ADR-2: Use message queues with guaranteed delivery for ticket workflow
Proposed
As mentioned in ADR-1, customer-facing services will require special considerations on availability and scalability with respect to the rest of the system. Similar requirements toward the expert-facing software, they need their sub-system to be highly available and provide a better response time than the rest of the system.
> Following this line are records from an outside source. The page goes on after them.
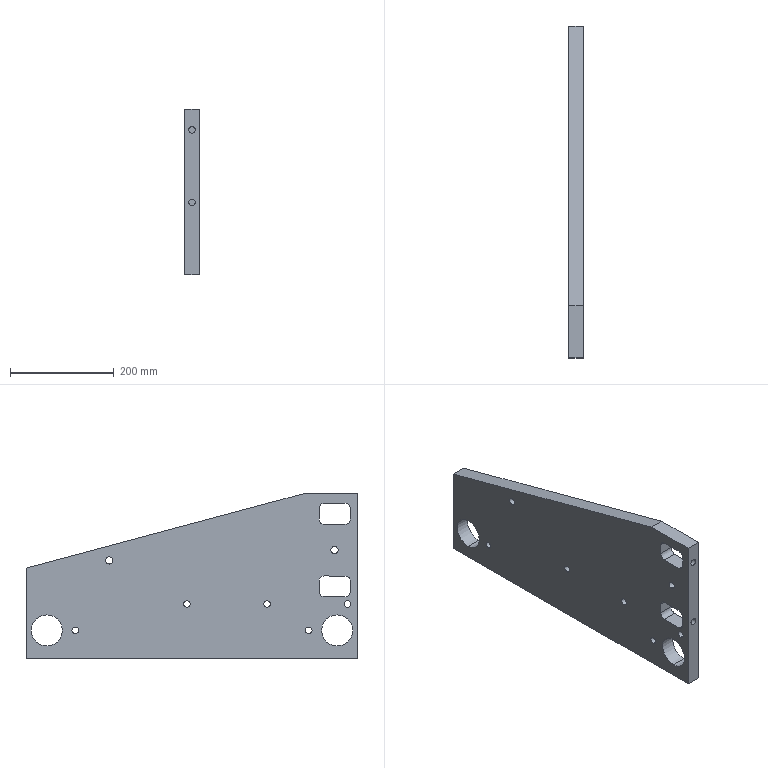Component | SolidWorks | Assembly2-1_MainBracket-2 | 1 solid | 45 faces | box 28 x 640 x 320 mm | volume 4321410 mm3 | cylinder 30 | plane 15 | commonest cylinder face diameters 13 x14 20 x8 14 x4 60 x4
build123d program:
from build123d import *

# Parameters (mm, degrees)
SKETCH1_W           = 110
SKETCH1_H           = 640
SKETCH1_R           = 30
BOSS_EXTRUDE1_DEPTH = 28
SKETCH4_R           = 6.5
CUT_EXTRUDE1_DEPTH  = 326.897
BOSS_EXTRUDE2_DEPTH = 28
CUT_EXTRUDE2_DEPTH  = 417.424
SKETCH8_R           = 6.5
CUT_EXTRUDE3_DEPTH  = 20
SKETCH9_R           = 7
CUT_EXTRUDE4_DEPTH  = 417.424
SKETCH10_R          = 7
CUT_EXTRUDE5_DEPTH  = 417.424
SKETCH11_R          = 6.5
CUT_EXTRUDE6_DEPTH  = 417.424


with BuildPart() as part:
    # Sketch1 → Boss-Extrude1 (new body)
    with BuildSketch(Plane.XY):
        Rectangle(SKETCH1_W, SKETCH1_H)
        with Locations((0, 280)):
            Circle(SKETCH1_R, mode=Mode.SUBTRACT)
        with Locations(Location((0, -280, 0), (0, 0, 180))):
            Circle(SKETCH1_R, mode=Mode.SUBTRACT)
    extrude(amount=BOSS_EXTRUDE1_DEPTH)

    # Sketch4 → Cut-Extrude1 (cut, through all)
    with BuildSketch(Plane.XY.offset(28)):
        with Locations((0, 225)):
            Circle(SKETCH4_R)
        with Locations(Location((0, -225, 0), (0, 0, 180))):
            Circle(SKETCH4_R)
    extrude(amount=-CUT_EXTRUDE1_DEPTH, mode=Mode.SUBTRACT)

    # Sketch6 → Boss-Extrude2 (add, through all)
    with BuildSketch(Plane.XY.offset(28)):
        Polygon((265, -220), (120.307, 320), (55, 320), (55, -320), (265, -320), align=None)
    extrude(amount=-BOSS_EXTRUDE2_DEPTH)

    # Sketch7 → Cut-Extrude2 (cut, through all)
    with BuildSketch(Plane.XY.offset(28)):
        with BuildLine():
            Line((235, -305), (215, -305))
            ThreePointArc((215, -305), (207.929, -302.071), (205, -295))
            Line((205, -295), (205, -255))
            ThreePointArc((205, -255), (207.929, -247.929), (215, -245))
            Line((215, -245), (235, -245))
            ThreePointArc((235, -245), (242.071, -247.929), (245, -255))
            Line((245, -255), (245, -295))
            ThreePointArc((245, -295), (242.071, -302.071), (235, -305))
        make_face()
        with BuildLine():
            Line((105, -295), (105, -255))
            ThreePointArc((105, -255), (102.071, -247.929), (95, -245))
            Line((95, -245), (75, -245))
            ThreePointArc((75, -245), (67.929, -247.929), (65, -255))
            Line((65, -255), (65, -295))
            ThreePointArc((65, -295), (67.929, -302.071), (75, -305))
            Line((75, -305), (95, -305))
            ThreePointArc((95, -305), (102.071, -302.071), (105, -295))
        make_face()
    extrude(amount=-CUT_EXTRUDE2_DEPTH, mode=Mode.SUBTRACT)

    # Sketch8 → Cut-Extrude3 (cut)
    with BuildSketch(Plane.XZ.offset(320)):
        with Locations(Location((85, 14, 0), (0, 0, 270))):
            Circle(SKETCH8_R)
        with Locations(Location((225, 14, 0), (0, 0, 270))):
            Circle(SKETCH8_R)
    extrude(amount=-CUT_EXTRUDE3_DEPTH, mode=Mode.SUBTRACT)

    # Sketch9 → Cut-Extrude4 (cut, through all)
    with BuildSketch(Plane.XY.offset(28)):
        with Locations((155, -275)):
            Circle(SKETCH9_R)
    extrude(amount=-CUT_EXTRUDE4_DEPTH, mode=Mode.SUBTRACT)

    # Sketch10 → Cut-Extrude5 (cut, through all)
    with BuildSketch(Plane.XY.offset(28)):
        with Locations((135, 160)):
            Circle(SKETCH10_R)
    extrude(amount=-CUT_EXTRUDE5_DEPTH, mode=Mode.SUBTRACT)

    # Sketch11 → Cut-Extrude6 (cut, through all)
    with BuildSketch(Plane.XY.offset(28)):
        with Locations((51, 10)):
            Circle(SKETCH11_R)
        with Locations((51, -145)):
            Circle(SKETCH11_R)
        with Locations((51, -300)):
            Circle(SKETCH11_R)
    extrude(amount=-CUT_EXTRUDE6_DEPTH, mode=Mode.SUBTRACT)


solid = part.part

# Placed as in the assembly
solid = solid.moved(Location((346.98, -4.181, 0), (0, -90, 0)))

This makes an implication for decoupling these areas from one another.
Using an asynchronous message queues between customer and Sysops services enables the following:
- enables fire and forget ticket submission for the customer, so that customer does not have to wait for any ticket processing; hence we get very low response time;
- same for Sysops Experts, they don't have to wait until the system finishes with ticket processing or report generation; while working on the field they just need to search for a ticket or a kb article;
- enables independent scalability and availability of the corresponding quanta;
If look at the ticket workflow between domains, it looks naturally pretty much as messaging rather than query-response behavior as illustrated in this BPMN diagram (circles are messages):
Note that we should guarantee message delivery to the exact destination so this peer-to-peer queue-based messaging, not a topic-based publisher-subscriber communication.
Let's consider the trade-offs:
- added complexity;
- message queues can introduce a single point of failure so has to be load-balanced;
- ticket workflow becomes more difficult for testing and debugging.
Since aforementioned qualities are critical to the business we accept these trade-offs.